Adam teaches History at Colchester Sixth Form College.

We all know that exams are stressful, and so if we can find ways to overcome these stresses, then we should be able to train our students to become better at exams. A frequent comment from those tasked with dealing with the stress of life-or-death situations, from the police to the armed forces, is that ‘and then my training kicked in’. This article aims to explain what Exam Stress is, how it can be dealt with, and how to train our students to become Exam Machines. Part 1 explains what Exam Stress is, and Part 2 explains how to deal with it.

The problem is that exams are stressful situations, and the human body reacts to stressful situations in particular ways. Although much has been written about students feeling stressed before exams, and how teachers can help their students to deal with these stresses, these are mostly about mental health or a ‘how to revise’ strategy. Little has been written about what actually happens during an exam and how these stresses impact on student performance. Sometimes students remember enough to tell us afterwards, but other times they appear shell-shocked and unable to remember anything about the exam.

We need to understand what exams are, as well as what happens when we take them. Exams can be defined as time-limited, high stakes (pass/ fail/ graded), and taken solo. For these reasons, they are usually stressful – which manifests itself in a number of ways such as feeling sick, sweaty palms, needing the toilet, being thirsty, unable to concentrate, unable to remember…

Our brains have evolved to deal with stressful situations, but with the consequences listed above. A simplified explanation (Horvath and Lodge 2016), is that the brain has three parts which interact together. The Hypothalamus bridges the emotions and physical senses, and connects to the endocrine system controlling the flow of hormones in the body.

The Hippocampus stores information, and is very important for learning and retrieval of facts and concepts. The Pre-Frontal Cortex is the rational part of the brain. It includes Working Memory (holding and using information in the brain), Impulse Control (controlling outward physical behaviour), and Decision Making (choosing which response to give).

When a Threat is identified, two kinds of thinking are used, depending on the threat level. If a Mild Threat is encountered e.g. crossing a busy road, the brain uses Cold Cognition, where the brain perceives the threat level to be low. The Hypothalamus produces small amounts of stress hormones, but the Hippocampus and Pre-Frontal Cortex operate as normal. If a Serious Threat is encountered e.g. driving test, the brain uses Hot Cognition, where the brain perceives the threat level to be high. The Hypothalamus floods the body with the stress hormones Cortisol and Norepinephrine. Cortisol in the Hippocampus stops the neurons in the brain from communicating with each other, stopping memory retrieval. Norepinephrine in the Pre-Frontal Cortex prevents the neurons from working together, and affecting the ability to speak, write etc. The brain is shutting down non-essential functions in order to meet the Serious Threat. The Cold Cognition-driven Pre-Frontal Cortex has been supplanted by the Hot Cognition-driven Hypothalamus, affecting the ability to think straight, recall information, and write it down accurately – thus, poor exam performance.

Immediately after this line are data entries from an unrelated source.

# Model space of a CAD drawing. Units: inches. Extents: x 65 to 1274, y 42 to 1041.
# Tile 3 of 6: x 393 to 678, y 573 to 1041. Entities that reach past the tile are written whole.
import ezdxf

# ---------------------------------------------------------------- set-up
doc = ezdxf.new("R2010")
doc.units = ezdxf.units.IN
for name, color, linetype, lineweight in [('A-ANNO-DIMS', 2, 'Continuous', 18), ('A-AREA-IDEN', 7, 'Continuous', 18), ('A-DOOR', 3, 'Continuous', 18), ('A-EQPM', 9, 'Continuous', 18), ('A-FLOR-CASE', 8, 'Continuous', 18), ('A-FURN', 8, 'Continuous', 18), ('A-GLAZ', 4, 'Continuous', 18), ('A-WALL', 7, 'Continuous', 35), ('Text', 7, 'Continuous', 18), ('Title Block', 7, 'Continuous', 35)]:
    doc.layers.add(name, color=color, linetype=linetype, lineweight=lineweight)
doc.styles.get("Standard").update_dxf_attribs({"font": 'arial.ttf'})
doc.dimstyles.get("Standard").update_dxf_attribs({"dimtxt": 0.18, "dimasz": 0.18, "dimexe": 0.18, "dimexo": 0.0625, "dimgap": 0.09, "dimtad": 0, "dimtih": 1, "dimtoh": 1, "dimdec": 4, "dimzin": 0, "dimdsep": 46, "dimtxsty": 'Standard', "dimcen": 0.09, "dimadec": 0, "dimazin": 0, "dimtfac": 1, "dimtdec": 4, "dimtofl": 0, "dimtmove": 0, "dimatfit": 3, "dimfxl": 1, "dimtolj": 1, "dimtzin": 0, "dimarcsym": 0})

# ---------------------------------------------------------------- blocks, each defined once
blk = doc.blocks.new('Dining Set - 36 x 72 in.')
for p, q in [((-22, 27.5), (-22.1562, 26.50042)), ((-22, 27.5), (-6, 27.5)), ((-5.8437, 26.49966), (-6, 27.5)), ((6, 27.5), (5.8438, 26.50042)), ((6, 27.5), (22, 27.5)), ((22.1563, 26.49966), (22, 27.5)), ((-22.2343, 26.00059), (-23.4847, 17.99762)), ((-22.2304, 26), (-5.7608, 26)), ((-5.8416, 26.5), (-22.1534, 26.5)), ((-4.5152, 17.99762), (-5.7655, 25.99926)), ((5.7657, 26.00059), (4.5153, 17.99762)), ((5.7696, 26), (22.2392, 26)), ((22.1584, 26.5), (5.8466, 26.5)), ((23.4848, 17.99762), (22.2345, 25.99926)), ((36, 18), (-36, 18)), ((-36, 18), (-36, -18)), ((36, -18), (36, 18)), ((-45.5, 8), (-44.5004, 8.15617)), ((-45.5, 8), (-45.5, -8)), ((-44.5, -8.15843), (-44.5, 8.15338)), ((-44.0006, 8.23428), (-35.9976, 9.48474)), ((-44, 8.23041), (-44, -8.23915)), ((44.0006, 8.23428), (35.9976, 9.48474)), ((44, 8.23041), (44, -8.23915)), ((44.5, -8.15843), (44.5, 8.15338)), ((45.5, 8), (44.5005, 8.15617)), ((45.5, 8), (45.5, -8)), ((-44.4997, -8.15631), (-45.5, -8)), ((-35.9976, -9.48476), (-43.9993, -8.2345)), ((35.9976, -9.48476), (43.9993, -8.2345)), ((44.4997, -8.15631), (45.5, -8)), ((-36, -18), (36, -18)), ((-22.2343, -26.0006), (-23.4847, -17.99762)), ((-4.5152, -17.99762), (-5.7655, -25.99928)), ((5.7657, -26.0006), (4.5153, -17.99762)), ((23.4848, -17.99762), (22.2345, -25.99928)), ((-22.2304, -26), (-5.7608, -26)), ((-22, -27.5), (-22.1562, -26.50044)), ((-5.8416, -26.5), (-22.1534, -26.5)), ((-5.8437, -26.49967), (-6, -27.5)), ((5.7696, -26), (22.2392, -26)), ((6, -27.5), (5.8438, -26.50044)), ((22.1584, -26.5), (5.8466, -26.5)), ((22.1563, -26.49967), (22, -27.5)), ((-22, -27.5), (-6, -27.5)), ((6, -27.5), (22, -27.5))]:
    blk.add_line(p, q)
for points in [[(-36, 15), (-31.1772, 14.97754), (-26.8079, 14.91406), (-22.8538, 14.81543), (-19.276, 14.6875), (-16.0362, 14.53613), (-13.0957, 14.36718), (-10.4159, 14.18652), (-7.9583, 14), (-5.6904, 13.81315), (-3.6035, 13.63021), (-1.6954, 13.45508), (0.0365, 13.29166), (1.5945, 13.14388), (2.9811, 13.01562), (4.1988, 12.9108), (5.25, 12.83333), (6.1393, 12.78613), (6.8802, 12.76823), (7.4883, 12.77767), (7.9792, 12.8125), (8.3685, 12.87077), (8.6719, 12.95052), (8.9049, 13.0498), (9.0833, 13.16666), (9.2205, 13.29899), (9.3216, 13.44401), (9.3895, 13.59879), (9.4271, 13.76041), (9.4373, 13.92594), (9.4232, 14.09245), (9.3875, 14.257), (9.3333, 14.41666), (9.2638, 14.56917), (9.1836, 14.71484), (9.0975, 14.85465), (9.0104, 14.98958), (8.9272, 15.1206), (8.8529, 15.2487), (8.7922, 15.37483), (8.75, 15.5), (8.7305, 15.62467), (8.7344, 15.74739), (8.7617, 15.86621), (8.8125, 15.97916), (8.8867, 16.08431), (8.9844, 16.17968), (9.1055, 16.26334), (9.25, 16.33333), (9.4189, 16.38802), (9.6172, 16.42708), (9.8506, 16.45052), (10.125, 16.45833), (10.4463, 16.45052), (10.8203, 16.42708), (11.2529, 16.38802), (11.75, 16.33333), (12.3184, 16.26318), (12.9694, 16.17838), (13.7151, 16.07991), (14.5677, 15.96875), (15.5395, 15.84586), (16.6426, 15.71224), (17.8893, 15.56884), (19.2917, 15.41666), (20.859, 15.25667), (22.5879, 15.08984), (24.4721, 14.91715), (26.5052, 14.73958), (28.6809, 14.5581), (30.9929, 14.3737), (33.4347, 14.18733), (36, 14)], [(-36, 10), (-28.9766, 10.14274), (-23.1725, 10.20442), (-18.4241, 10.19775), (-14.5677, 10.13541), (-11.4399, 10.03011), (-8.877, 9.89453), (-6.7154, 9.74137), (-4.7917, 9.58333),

The effects of Cognitive Stress are widely known, with most people familiar with the idea of ‘Fight or Flight’, where we either physically deal with the Serious Threat or run for our lives from it. As fighting a battle is about as stressful as it gets, soldiers have to confront this situation in their day jobs.

Military psychologist Leo Murray (‘Brains and Bullets’ 2013) identified not just Fight or Flight, but two other conditions as well – the ‘Four F’s’. Fight is where the body prepares for a physical encounter by using adrenaline to prime the muscles for action, by giving the feeling of extra strength and damping pain by narrowing blood vessels. Flight is where the adrenaline prepares the muscles to flee. In both cases, the body shuts down non-essential functions, such as food digestion, by re-directing blood flow to essential organs such as the lungs – sufferers feel ‘butterflies’ or nausea in their stomachs. Freeze is where the brain cannot decide whether to fight or flee, and sufferers are ‘caught like a rabbit in the headlights’, and do nothing – often appearing zombiefied. Fussing is where the brain moves on from Freeze, but not enough to do anything. The sufferer will ‘fuss’ over things that are trivial but well-learnt, such as re-checking equipment that does not need checking (micro-managing).

In addition to the Four Fs, Murray also identified Thinking Straight and Seeing Straight as problems. Thinking Straight is where the brain prevents rational thinking by cutting out new information/ short-term memory, and reverting back to older, long-term memory. In Murray’s observations, sufferers would blank out new instructions and follow older plans, despite the fact that they had been told of changes to the plan. Seeing Straight is where stress produced shut-downs of perception and senses, such as blurred vision, time speeding up or slowing down, or decrease in motor-skills. Depending on the gravity of the Stress Threat we face, we all respond in some form of the Four Fs and Thinking/ Seeing Straight, and we can see how that would play out in an exam that we found particularly stressful, with faster heart rate, feeling sick, sweating, time-speeding up, inability to remember ‘known’ facts, reversion to pre-prepared answers, going blank, doodling on the paper…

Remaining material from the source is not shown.